Under the rule of joint and several liability, where more than one defendant is found liable for the injury suffered by a plaintiff, each defendant is individually liable for the entire amount of the judgment, such that if one defendant is unable to pay the other defendant or defendants are liable for the entire amount of the judgment.

Statute of Limitations

Medical malpractice actions must be commenced within 3 years of the date of injury. In the District of Columbia, the limitations period begins to run on the minor's eighteenth birthday.

Limits on Attorney Fees

The District of Columbia does not impose limits on attorney fees.

Additional Rules

The District of Columbia applies a traditional rule of contributory negligence, which means that a plaintiff may be barred from recovering damages if it can be demonstrated that the plaintiff contributed to his or her own injury.
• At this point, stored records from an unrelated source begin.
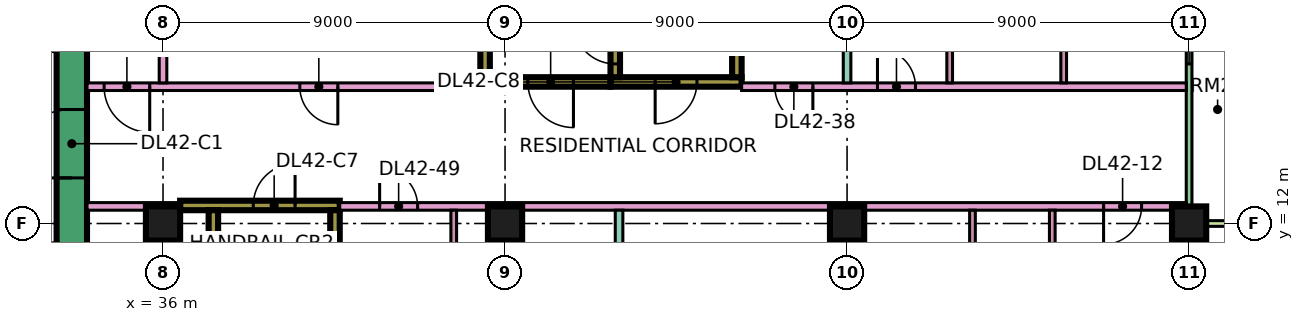
"""IFC4 building model, lengths in metres.
Left out: names, types, materials, properties, quantities, classifications, styles, units other than length and angle.
Written with IfcOpenShell. Run it as: python <this file> out.ifc"""

import sys

from ifc_helpers import new_model, si_unit, direction, frame, frame_2d, origin, origin_2d, place, context, subcontext, project, spatial, rectangle, extrude, element, fill, save


model = new_model("IFC4")
c1 = context("Model", 3, precision=1e-05, world=origin(), true_north=direction((0.0, 1.0)))
c2 = subcontext(c1, "Body", "Model", "MODEL_VIEW")
j1 = project(units=[si_unit("LENGTHUNIT", "METRE"), si_unit("PLANEANGLEUNIT", "RADIAN")], contexts=[c1])
p1 = place(None, origin())
s1 = spatial("IfcSite", under=j1, at=p1, CompositionType="ELEMENT")
p2 = place(p1, origin())
s2 = spatial("IfcBuilding", under=s1, at=p2, CompositionType="ELEMENT")
p3 = place(p2, frame((0.0, 0.0, 183.65)))
s3 = spatial("IfcBuildingStorey", under=s2, at=p3, CompositionType="ELEMENT", Elevation=183.65)
for number, where, z_axis, x_axis in (
    (1, (36.0, 12.0, 0.0), (0.0, 0.0, 1.0), (1.0, 0.0, 0.0)),
    (2, (45.0, 12.0, 0.0), (0.0, 0.0, 1.0), (1.0, 0.0, 0.0)),
    (3, (54.0, 12.0, 0.0), (0.0, 0.0, 1.0), (1.0, 0.0, 0.0)),
    (4, (63.0, 12.0, 0.0), (0.0, 0.0, 1.0), (1.0, 0.0, 0.0)),
):
    element("IfcColumn", number, at=place(p3, frame(where, z_axis=z_axis, x_axis=x_axis)), inside=s3, PredefinedType="COLUMN", context=c2, shape_type="SweptSolid", body=[
        extrude(rectangle(XDim=0.9, YDim=0.9, at=origin_2d()), origin(), (0.0, 0.0, 1.0), 3.75),
    ])
p4 = place(p3, frame((33.6, 7.8, 0.0), z_axis=(0.0, 0.0, 1.0), x_axis=(0.0, 1.0, 0.0)))
e5 = element("IfcWall", 5, at=p4, inside=s3, PredefinedType="SHEAR", context=c2, shape_type="SweptSolid", body=[
    extrude(rectangle(XDim=11.4, YDim=0.8, at=frame_2d((5.7, 0.0))), origin(), (0.0, 0.0, 1.0), 3.75),
])
p5 = place(p4, frame((5.4, 0.0, 0.0)))
e6 = element("IfcOpeningElement", 6, at=p5, cuts=e5, PredefinedType="OPENING", context=c2, shape_type="SweptSolid", body=[
    extrude(rectangle(XDim=1.8, YDim=2.4, at=frame_2d((0.9, 1.2))), frame((0.0, 0.41, 0.0), z_axis=(0.0, -1.0, 0.0), x_axis=(1.0, 0.0, 0.0)), (0.0, 0.0, 1.0), 0.82),
])
p6 = place(p3, frame((36.45, 12.475, 0.0), z_axis=(0.0, 0.0, 1.0), x_axis=(1.0, 0.0, 0.0)))
e7 = element("IfcWall", 7, at=p6, inside=s3, PredefinedType="SHEAR", context=c2, shape_type="SweptSolid", body=[
    extrude(rectangle(XDim=4.2, YDim=0.25, at=frame_2d((2.1, 0.0))), origin(), (0.0, 0.0, 1.0), 3.75),
])
p7 = place(p6, frame((1.925, 0.0, 0.0)))
e8 = element("IfcOpeningElement", 8, at=p7, cuts=e7, PredefinedType="OPENING", context=c2, shape_type="SweptSolid", body=[
    extrude(rectangle(XDim=1.1, YDim=2.2, at=frame_2d((0.55, 1.1))), frame((0.0, 0.135, 0.0), z_axis=(0.0, -1.0, 0.0), x_axis=(1.0, 0.0, 0.0)), (0.0, 0.0, 1.0), 0.27),
])
for number, where, z_axis, x_axis in (
    (9, (37.325, 5.85, 0.0), (0.0, 0.0, 1.0), (0.0, 1.0, 0.0)),
    (10, (40.525, 5.85, 0.0), (0.0, 0.0, 1.0), (0.0, 1.0, 0.0)),
):
    element("IfcWall", number, at=place(p3, frame(where, z_axis=z_axis, x_axis=x_axis)), inside=s3, PredefinedType="SHEAR", context=c2, shape_type="SweptSolid", body=[
        extrude(rectangle(XDim=6.5, YDim=0.25, at=frame_2d((3.25, 0.0))), origin(), (0.0, 0.0, 1.0), 3.75),
    ])
p8 = place(p3, frame((47.775, 15.725, 0.0), z_axis=(0.0, 0.0, 1.0), x_axis=(1.0, 0.0, 0.0)))
e11 = element("IfcWall", 11, at=p8, inside=s3, PredefinedType="SHEAR", context=c2, shape_type="SweptSolid", body=[
    extrude(rectangle(XDim=3.45, YDim=0.25, at=frame_2d((1.725, 0.0))), origin(), (0.0, 0.0, 1.0), 3.75),
])
p9 = place(p8, frame((1.175, 0.0, 0.0)))
e12 = element("IfcOpeningElement", 12, at=p9, cuts=e11, PredefinedType="OPENING", context=c2, shape_type="SweptSolid", body=[
    extrude(rectangle(XDim=1.1, YDim=2.2, at=frame_2d((0.55, 1.1))), frame((0.0, 0.135, 0.0), z_axis=(0.0, -1.0, 0.0), x_axis=(1.0, 0.0, 0.0)), (0.0, 0.0, 1.0), 0.27),
])
p10 = place(p3, frame((47.9, 15.85, 0.0), z_axis=(0.0, 0.0, 1.0), x_axis=(0.0, 1.0, 0.0)))
e13 = element("IfcWall", 13, at=p10, inside=s3, PredefinedType="SHEAR", context=c2, shape_type="SweptSolid", body=[
    extrude(rectangle(XDim=6.5, YDim=0.25, at=frame_2d((3.25, 0.0))), origin(), (0.0, 0.0, 1.0), 3.75),
])
p11 = place(p10, frame((0.35, 0.0, 0.0)))
e14 = element("IfcOpeningElement", 14, at=p11, cuts=e13, PredefinedType="OPENING", context=c2, shape_type="SweptSolid", body=[
    extrude(rectangle(XDim=1.1, YDim=2.2, at=frame_2d((0.55, 1.1))), frame((0.0, 0.135, 0.0), z_axis=(0.0, -1.0, 0.0), x_axis=(1.0, 0.0, 0.0)), (0.0, 0.0, 1.0), 0.27),
])
p12 = place(p3, frame((51.1, 15.85, 0.0), z_axis=(0.0, 0.0, 1.0), x_axis=(0.0, 1.0, 0.0)))
e15 = element("IfcWall", 15, at=p12, inside=s3, PredefinedType="SHEAR", context=c2, shape_type="SweptSolid", body=[
    extrude(rectangle(XDim=6.5, YDim=0.25, at=frame_2d((3.25, 0.0))), origin(), (0.0, 0.0, 1.0), 3.75),
])
p13 = place(p3, frame((44.35, 15.725, 0.0), z_axis=(0.0, 0.0, 1.0), x_axis=(1.0, 0.0, 0.0)))
e16 = element("IfcWall", 16, at=p13, inside=s3, PredefinedType="SHEAR", context=c2, shape_type="SweptSolid", body=[
    extrude(rectangle(XDim=3.425, YDim=0.25, at=frame_2d((1.712, 0.0))), origin(), (0.0, 0.0, 1.0), 3.75),
])
p14 = place(p13, frame((1.25, 0.0, 0.0)))
e17 = element("IfcOpeningElement", 17, at=p14, cuts=e16, PredefinedType="OPENING", context=c2, shape_type="SweptSolid", body=[
    extrude(rectangle(XDim=1.2, YDim=2.2, at=frame_2d((0.6, 1.1))), frame((0.0, 0.135, 0.0), z_axis=(0.0, -1.0, 0.0), x_axis=(1.0, 0.0, 0.0)), (0.0, 0.0, 1.0), 0.27),
])
p15 = place(p3, frame((44.475, 15.85, 0.0), z_axis=(0.0, 0.0, 1.0), x_axis=(0.0, 1.0, 0.0)))
e18 = element("IfcWall", 18, at=p15, inside=s3, PredefinedType="SHEAR", context=c2, shape_type="SweptSolid", body=[
    extrude(rectangle(XDim=6.5, YDim=0.25, at=frame_2d((3.25, 0.0))), origin(), (0.0, 0.0, 1.0), 3.75),
])
p16 = place(p15, frame((1.75, 0.0, 0.0)))
e19 = element("IfcOpeningElement", 19, at=p16, cuts=e18, PredefinedType="OPENING", context=c2, shape_type="SweptSolid", body=[
    extrude(rectangle(XDim=1.1, YDim=2.2, at=frame_2d((0.55, 1.1))), frame((0.0, 0.135, 0.0), z_axis=(0.0, -1.0, 0.0), x_axis=(1.0, 0.0, 0.0)), (0.0, 0.0, 1.0), 0.27),
])
p17 = place(p15, frame((4.3, 0.0, 0.0)))
e20 = element("IfcOpeningElement", 20, at=p17, cuts=e18, PredefinedType="OPENING", context=c2, shape_type="SweptSolid", body=[
    extrude(rectangle(XDim=1.1, YDim=2.2, at=frame_2d((0.55, 1.1))), frame((0.0, 0.135, 0.0), z_axis=(0.0, -1.0, 0.0), x_axis=(1.0, 0.0, 0.0)), (0.0, 0.0, 1.0), 0.27),
])
p18 = place(p3, frame((63.0, 12.075, 0.0), z_axis=(0.0, 0.0, 1.0), x_axis=(0.0, 1.0, 0.0)))
e21 = element("IfcWall", 21, at=p18, inside=s3, PredefinedType="SOLIDWALL", context=c2, shape_type="SweptSolid", body=[
    extrude(rectangle(XDim=10.35, YDim=0.15, at=frame_2d((5.175, 0.0))), origin(), (0.0, 0.0, 1.0), 3.35),
])
p19 = place(p18, frame((4.125, 0.0, 0.45)))
e22 = element("IfcOpeningElement", 22, at=p19, cuts=e21, PredefinedType="OPENING", context=c2, shape_type="SweptSolid", body=[
    extrude(rectangle(XDim=1.8, YDim=2.4, at=frame_2d((0.9, 1.2))), frame((0.0, 0.085, 0.0), z_axis=(0.0, -1.0, 0.0), x_axis=(1.0, 0.0, 0.0)), (0.0, 0.0, 1.0), 0.17),
])
p20 = place(p18, frame((7.538, 0.0, 0.0)))
e23 = element("IfcOpeningElement", 23, at=p20, cuts=e21, PredefinedType="OPENING", context=c2, shape_type="SweptSolid", body=[
    extrude(rectangle(XDim=1.8, YDim=2.4, at=frame_2d((0.9, 1.2))), frame((0.0, 0.085, 0.0), z_axis=(0.0, -1.0, 0.0), x_axis=(1.0, 0.0, 0.0)), (0.0, 0.0, 1.0), 0.17),
])
p21 = place(p3, frame((64.5, 12.0, 0.0), z_axis=(0.0, 0.0, 1.0), x_axis=(-1.0, 0.0, 0.0)))
e24 = element("IfcWall", 24, at=p21, inside=s3, PredefinedType="SOLIDWALL", context=c2, shape_type="SweptSolid", body=[
    extrude(rectangle(XDim=1.5, YDim=0.15, at=frame_2d((0.75, 0.0))), origin(), (0.0, 0.0, 1.0), 3.35),
])
p22 = place(p3, frame((34.0, 12.45, 0.0), z_axis=(0.0, 0.0, 1.0), x_axis=(1.0, 0.0, 0.0)))
e25 = element("IfcWall", 25, at=p22, inside=s3, PredefinedType="PARTITIONING", context=c2, shape_type="SweptSolid", body=[
    extrude(rectangle(XDim=2.451, YDim=0.2, at=frame_2d((1.226, 0.0))), origin(), (0.0, 0.0, 1.0), 3.35),
])
p23 = place(p3, frame((34.0, 15.6, 0.0), z_axis=(0.0, 0.0, 1.0), x_axis=(1.0, 0.0, 0.0)))
e26 = element("IfcWall", 26, at=p23, inside=s3, PredefinedType="PARTITIONING", context=c2, shape_type="SweptSolid", body=[
    extrude(rectangle(XDim=10.35, YDim=0.2, at=frame_2d((5.175, 0.0))), origin(), (0.0, 0.0, 1.0), 3.35),
])
p24 = place(p23, frame((5.6, 0.0, 0.0)))
e27 = element("IfcOpeningElement", 27, at=p24, cuts=e26, PredefinedType="OPENING", context=c2, shape_type="SweptSolid", body=[
    extrude(rectangle(XDim=1.0, YDim=2.1, at=frame_2d((0.5, 1.05))), frame((0.0, 0.11, 0.0), z_axis=(0.0, -1.0, 0.0), x_axis=(1.0, 0.0, 0.0)), (0.0, 0.0, 1.0), 0.22),
])
p25 = place(p23, frame((0.45, 0.0, 0.0)))
e28 = element("IfcOpeningElement", 28, at=p25, cuts=e26, PredefinedType="OPENING", context=c2, shape_type="SweptSolid", body=[
    extrude(rectangle(XDim=1.2, YDim=2.1, at=frame_2d((0.6, 1.05))), frame((0.0, 0.11, 0.0), z_axis=(0.0, -1.0, 0.0), x_axis=(1.0, 0.0, 0.0)), (0.0, 0.0, 1.0), 0.22),
])
p26 = place(p3, frame((36.0, 15.7, 0.0), z_axis=(0.0, 0.0, 1.0), x_axis=(0.0, 1.0, 0.0)))
e29 = element("IfcWall", 29, at=p26, inside=s3, PredefinedType="PARTITIONING", context=c2, shape_type="SweptSolid", body=[
    extrude(rectangle(XDim=8.3, YDim=0.2, at=frame_2d((4.15, 0.0))), origin(), (0.0, 0.0, 1.0), 3.35),
])
p27 = place(p3, frame((40.65, 12.45, 0.0), z_axis=(0.0, 0.0, 1.0), x_axis=(1.0, 0.0, 0.0)))
e30 = element("IfcWall", 30, at=p27, inside=s3, PredefinedType="PARTITIONING", context=c2, shape_type="SweptSolid", body=[
    extrude(rectangle(XDim=22.276, YDim=0.2, at=frame_2d((11.138, 0.0))), origin(), (0.0, 0.0, 1.0), 3.35),
])
p28 = place(p27, frame((20.1, 0.0, 0.0)))
e31 = element("IfcOpeningElement", 31, at=p28, cuts=e30, PredefinedType="OPENING", context=c2, shape_type="SweptSolid", body=[
    extrude(rectangle(XDim=1.0, YDim=2.1, at=frame_2d((0.5, 1.05))), frame((0.0, 0.11, 0.0), z_axis=(0.0, -1.0, 0.0), x_axis=(1.0, 0.0, 0.0)), (0.0, 0.0, 1.0), 0.22),
])
p29 = place(p27, frame((1.05, 0.0, 0.0)))
e32 = element("IfcOpeningElement", 32, at=p29, cuts=e30, PredefinedType="OPENING", context=c2, shape_type="SweptSolid", body=[
    extrude(rectangle(XDim=1.0, YDim=2.1, at=frame_2d((0.5, 1.05))), frame((0.0, 0.11, 0.0), z_axis=(0.0, -1.0, 0.0), x_axis=(1.0, 0.0, 0.0)), (0.0, 0.0, 1.0), 0.22),
])
p30 = place(p3, frame((43.65, 5.825, 0.0), z_axis=(0.0, 0.0, 1.0), x_axis=(0.0, 1.0, 0.0)))
e33 = element("IfcWall", 33, at=p30, inside=s3, PredefinedType="PARTITIONING", context=c2, shape_type="SweptSolid", body=[
    extrude(rectangle(XDim=6.525, YDim=0.15, at=frame_2d((3.263, 0.0))), origin(), (0.0, 0.0, 1.0), 3.35),
])
p31 = place(p30, frame((4.425, 0.0, 0.0)))
e34 = element("IfcOpeningElement", 34, at=p31, cuts=e33, PredefinedType="OPENING", context=c2, shape_type="SweptSolid", body=[
    extrude(rectangle(XDim=0.9, YDim=2.1, at=frame_2d((0.45, 1.05))), frame((0.0, 0.085, 0.0), z_axis=(0.0, -1.0, 0.0), x_axis=(1.0, 0.0, 0.0)), (0.0, 0.0, 1.0), 0.17),
])
p32 = place(p3, frame((48.0, 5.825, 0.0), z_axis=(0.0, 0.0, 1.0), x_axis=(0.0, 1.0, 0.0)))
e35 = element("IfcWall", 35, at=p32, inside=s3, PredefinedType="PARTITIONING", context=c2, shape_type="SweptSolid", body=[
    extrude(rectangle(XDim=6.525, YDim=0.2, at=frame_2d((3.263, 0.0))), origin(), (0.0, 0.0, 1.0), 3.35),
])
p33 = place(p3, frame((51.225, 15.6, 0.0), z_axis=(0.0, 0.0, 1.0), x_axis=(1.0, 0.0, 0.0)))
e36 = element("IfcWall", 36, at=p33, inside=s3, PredefinedType="PARTITIONING", context=c2, shape_type="SweptSolid", body=[
    extrude(rectangle(XDim=11.701, YDim=0.2, at=frame_2d((5.851, 0.0))), origin(), (0.0, 0.0, 1.0), 3.35),
])
p34 = place(p33, frame((3.575, 0.0, 0.0)))
e37 = element("IfcOpeningElement", 37, at=p34, cuts=e36, PredefinedType="OPENING", context=c2, shape_type="SweptSolid", body=[
    extrude(rectangle(XDim=1.0, YDim=2.1, at=frame_2d((0.5, 1.05))), frame((0.0, 0.11, 0.0), z_axis=(0.0, -1.0, 0.0), x_axis=(1.0, 0.0, 0.0)), (0.0, 0.0, 1.0), 0.22),
])
p35 = place(p33, frame((0.875, 0.0, 0.0)))
e38 = element("IfcOpeningElement", 38, at=p35, cuts=e36, PredefinedType="OPENING", context=c2, shape_type="SweptSolid", body=[
    extrude(rectangle(XDim=1.0, YDim=2.1, at=frame_2d((0.5, 1.05))), frame((0.0, 0.11, 0.0), z_axis=(0.0, -1.0, 0.0), x_axis=(1.0, 0.0, 0.0)), (0.0, 0.0, 1.0), 0.22),
])
p36 = place(p3, frame((54.0, 7.125, 0.0), z_axis=(0.0, 0.0, 1.0), x_axis=(0.0, 1.0, 0.0)))
e39 = element("IfcWall", 39, at=p36, inside=s3, PredefinedType="PARTITIONING", context=c2, shape_type="SweptSolid", body=[
    extrude(rectangle(XDim=5.225, YDim=0.15, at=frame_2d((2.613, 0.0))), origin(), (0.0, 0.0, 1.0), 3.35),
])
p37 = place(p3, frame((54.0, 15.7, 0.0), z_axis=(0.0, 0.0, 1.0), x_axis=(0.0, 1.0, 0.0)))
e40 = element("IfcWall", 40, at=p37, inside=s3, PredefinedType="PARTITIONING", context=c2, shape_type="SweptSolid", body=[
    extrude(rectangle(XDim=8.3, YDim=0.2, at=frame_2d((4.15, 0.0))), origin(), (0.0, 0.0, 1.0), 3.35),
])
p38 = place(p3, frame((56.7, 15.7, 0.0), z_axis=(0.0, 0.0, 1.0), x_axis=(0.0, 1.0, 0.0)))
e41 = element("IfcWall", 41, at=p38, inside=s3, PredefinedType="PARTITIONING", context=c2, shape_type="SweptSolid", body=[
    extrude(rectangle(XDim=2.825, YDim=0.15, at=frame_2d((1.413, 0.0))), origin(), (0.0, 0.0, 1.0), 3.35),
])
for number, where, z_axis, x_axis in (
    (42, (57.3, 7.125, 0.0), (0.0, 0.0, 1.0), (0.0, 1.0, 0.0)),
    (43, (59.4, 7.125, 0.0), (0.0, 0.0, 1.0), (0.0, 1.0, 0.0)),
):
    element("IfcWall", number, at=place(p3, frame(where, z_axis=z_axis, x_axis=x_axis)), inside=s3, PredefinedType="PARTITIONING", context=c2, shape_type="SweptSolid", body=[
        extrude(rectangle(XDim=5.225, YDim=0.15, at=frame_2d((2.613, 0.0))), origin(), (0.0, 0.0, 1.0), 3.35),
    ])
p39 = place(p3, frame((59.7, 15.7, 0.0), z_axis=(0.0, 0.0, 1.0), x_axis=(0.0, 1.0, 0.0)))
e44 = element("IfcWall", 44, at=p39, inside=s3, PredefinedType="PARTITIONING", context=c2, shape_type="SweptSolid", body=[
    extrude(rectangle(XDim=2.825, YDim=0.15, at=frame_2d((1.413, 0.0))), origin(), (0.0, 0.0, 1.0), 3.35),
])
p40 = place(p19, origin())
e45 = element("IfcWindow", 45, at=p40, inside=s3, PartitioningType="SINGLE_PANEL", PredefinedType="WINDOW", context=c2, shape_type="SweptSolid", body=[
    extrude(rectangle(XDim=1.8, YDim=2.4, at=frame_2d((0.9, 1.2))), frame((0.0, 0.03, 0.0), z_axis=(0.0, -1.0, 0.0), x_axis=(1.0, 0.0, 0.0)), (0.0, 0.0, 1.0), 0.06),
])
fill(e22, e45)
p41 = place(p5, origin())
e46 = element("IfcDoor", 46, at=p41, inside=s3, OperationType="DOUBLE_DOOR_SINGLE_SWING", PredefinedType="DOOR", context=c2, shape_type="SweptSolid", body=[
    extrude(rectangle(XDim=1.8, YDim=2.4, at=frame_2d((0.9, 1.2))), frame((0.0, 0.025, 0.0), z_axis=(0.0, -1.0, 0.0), x_axis=(1.0, 0.0, 0.0)), (0.0, 0.0, 1.0), 0.05),
])
fill(e6, e46)
p42 = place(p7, frame((1.1, 0.0, 0.0), z_axis=(0.0, 0.0, 1.0), x_axis=(-1.0, 0.0, 0.0)))
e47 = element("IfcDoor", 47, at=p42, inside=s3, OperationType="SINGLE_SWING_RIGHT", PredefinedType="DOOR", context=c2, shape_type="SweptSolid", body=[
    extrude(rectangle(XDim=1.1, YDim=2.2, at=frame_2d((0.55, 1.1))), frame((0.0, 0.025, 0.0), z_axis=(0.0, -1.0, 0.0), x_axis=(1.0, 0.0, 0.0)), (0.0, 0.0, 1.0), 0.05),
])
fill(e8, e47)
p43 = place(p9, frame((1.1, 0.0, 0.0), z_axis=(0.0, 0.0, 1.0), x_axis=(-1.0, 0.0, 0.0)))
e48 = element("IfcDoor", 48, at=p43, inside=s3, OperationType="SINGLE_SWING_LEFT", PredefinedType="DOOR", context=c2, shape_type="SweptSolid", body=[
    extrude(rectangle(XDim=1.1, YDim=2.2, at=frame_2d((0.55, 1.1))), frame((0.0, 0.025, 0.0), z_axis=(0.0, -1.0, 0.0), x_axis=(1.0, 0.0, 0.0)), (0.0, 0.0, 1.0), 0.05),
])
fill(e12, e48)
p44 = place(p14, origin())
e49 = element("IfcDoor", 49, at=p44, inside=s3, OperationType="SINGLE_SWING_RIGHT", PredefinedType="DOOR", context=c2, shape_type="SweptSolid", body=[
    extrude(rectangle(XDim=1.2, YDim=2.2, at=frame_2d((0.6, 1.1))), frame((0.0, 0.025, 0.0), z_axis=(0.0, -1.0, 0.0), x_axis=(1.0, 0.0, 0.0)), (0.0, 0.0, 1.0), 0.05),
])
fill(e17, e49)
p45 = place(p11, frame((1.1, 0.0, 0.0), z_axis=(0.0, 0.0, 1.0), x_axis=(-1.0, 0.0, 0.0)))
e50 = element("IfcDoor", 50, at=p45, inside=s3, OperationType="SINGLE_SWING_RIGHT", PredefinedType="DOOR", context=c2, shape_type="SweptSolid", body=[
    extrude(rectangle(XDim=1.1, YDim=2.2, at=frame_2d((0.55, 1.1))), frame((0.0, 0.025, 0.0), z_axis=(0.0, -1.0, 0.0), x_axis=(1.0, 0.0, 0.0)), (0.0, 0.0, 1.0), 0.05),
])
fill(e14, e50)
p46 = place(p24, origin())
e51 = element("IfcDoor", 51, at=p46, inside=s3, OperationType="SINGLE_SWING_RIGHT", PredefinedType="DOOR", context=c2, shape_type="SweptSolid", body=[
    extrude(rectangle(XDim=1.0, YDim=2.1, at=frame_2d((0.5, 1.05))), frame((0.0, 0.025, 0.0), z_axis=(0.0, -1.0, 0.0), x_axis=(1.0, 0.0, 0.0)), (0.0, 0.0, 1.0), 0.05),
])
fill(e27, e51)
p47 = place(p34, origin())
e52 = element("IfcDoor", 52, at=p47, inside=s3, OperationType="SINGLE_SWING_LEFT", PredefinedType="DOOR", context=c2, shape_type="SweptSolid", body=[
    extrude(rectangle(XDim=1.0, YDim=2.1, at=frame_2d((0.5, 1.05))), frame((0.0, 0.025, 0.0), z_axis=(0.0, -1.0, 0.0), x_axis=(1.0, 0.0, 0.0)), (0.0, 0.0, 1.0), 0.05),
])
fill(e37, e52)
p48 = place(p28, frame((1.0, 0.0, 0.0), z_axis=(0.0, 0.0, 1.0), x_axis=(-1.0, 0.0, 0.0)))
e53 = element("IfcDoor", 53, at=p48, inside=s3, OperationType="SINGLE_SWING_LEFT", PredefinedType="DOOR", context=c2, shape_type="SweptSolid", body=[
    extrude(rectangle(XDim=1.0, YDim=2.1, at=frame_2d((0.5, 1.05))), frame((0.0, 0.025, 0.0), z_axis=(0.0, -1.0, 0.0), x_axis=(1.0, 0.0, 0.0)), (0.0, 0.0, 1.0), 0.05),
])
fill(e31, e53)
p49 = place(p25, origin())
e54 = element("IfcDoor", 54, at=p49, inside=s3, OperationType="SINGLE_SWING_RIGHT", PredefinedType="DOOR", context=c2, shape_type="SweptSolid", body=[
    extrude(rectangle(XDim=1.2, YDim=2.1, at=frame_2d((0.6, 1.05))), frame((0.0, 0.025, 0.0), z_axis=(0.0, -1.0, 0.0), x_axis=(1.0, 0.0, 0.0)), (0.0, 0.0, 1.0), 0.05),
])
fill(e28, e54)
p50 = place(p35, origin())
e55 = element("IfcDoor", 55, at=p50, inside=s3, OperationType="SINGLE_SWING_RIGHT", PredefinedType="DOOR", context=c2, shape_type="SweptSolid", body=[
    extrude(rectangle(XDim=1.0, YDim=2.1, at=frame_2d((0.5, 1.05))), frame((0.0, 0.025, 0.0), z_axis=(0.0, -1.0, 0.0), x_axis=(1.0, 0.0, 0.0)), (0.0, 0.0, 1.0), 0.05),
])
fill(e38, e55)
p51 = place(p29, origin())
e56 = element("IfcDoor", 56, at=p51, inside=s3, OperationType="SINGLE_SWING_LEFT", PredefinedType="DOOR", context=c2, shape_type="SweptSolid", body=[
    extrude(rectangle(XDim=1.0, YDim=2.1, at=frame_2d((0.5, 1.05))), frame((0.0, 0.025, 0.0), z_axis=(0.0, -1.0, 0.0), x_axis=(1.0, 0.0, 0.0)), (0.0, 0.0, 1.0), 0.05),
])
fill(e32, e56)
save(model, sys.argv[1])

Why Use A Malpractice Lawyer

Medical malpractice law is a highly technical field of law, and malpractice lawsuits tend to be fiercely defended by well-funded defense firms.

Medical malpractice lawsuits can be exceptionally expensive to pursue, with costs often exceeding $100,000.00. Due to the technical skills involved in prosecuting a malpractice claim, the possibility that an inexperienced lawyer may not be sufficiently conversant with the medical issues, or might make a technical error which causes a case to be lost or dismissed, and the very high costs the malpractice law firm typically must advance, an injured patient is very well served by going with a specialist firm.

Even within the specialized practice of medical malpractice law, you will find that some lawyers have subspecialties of practice, for example focusing on surgical errors, misdiagnosis, or birth trauma cases.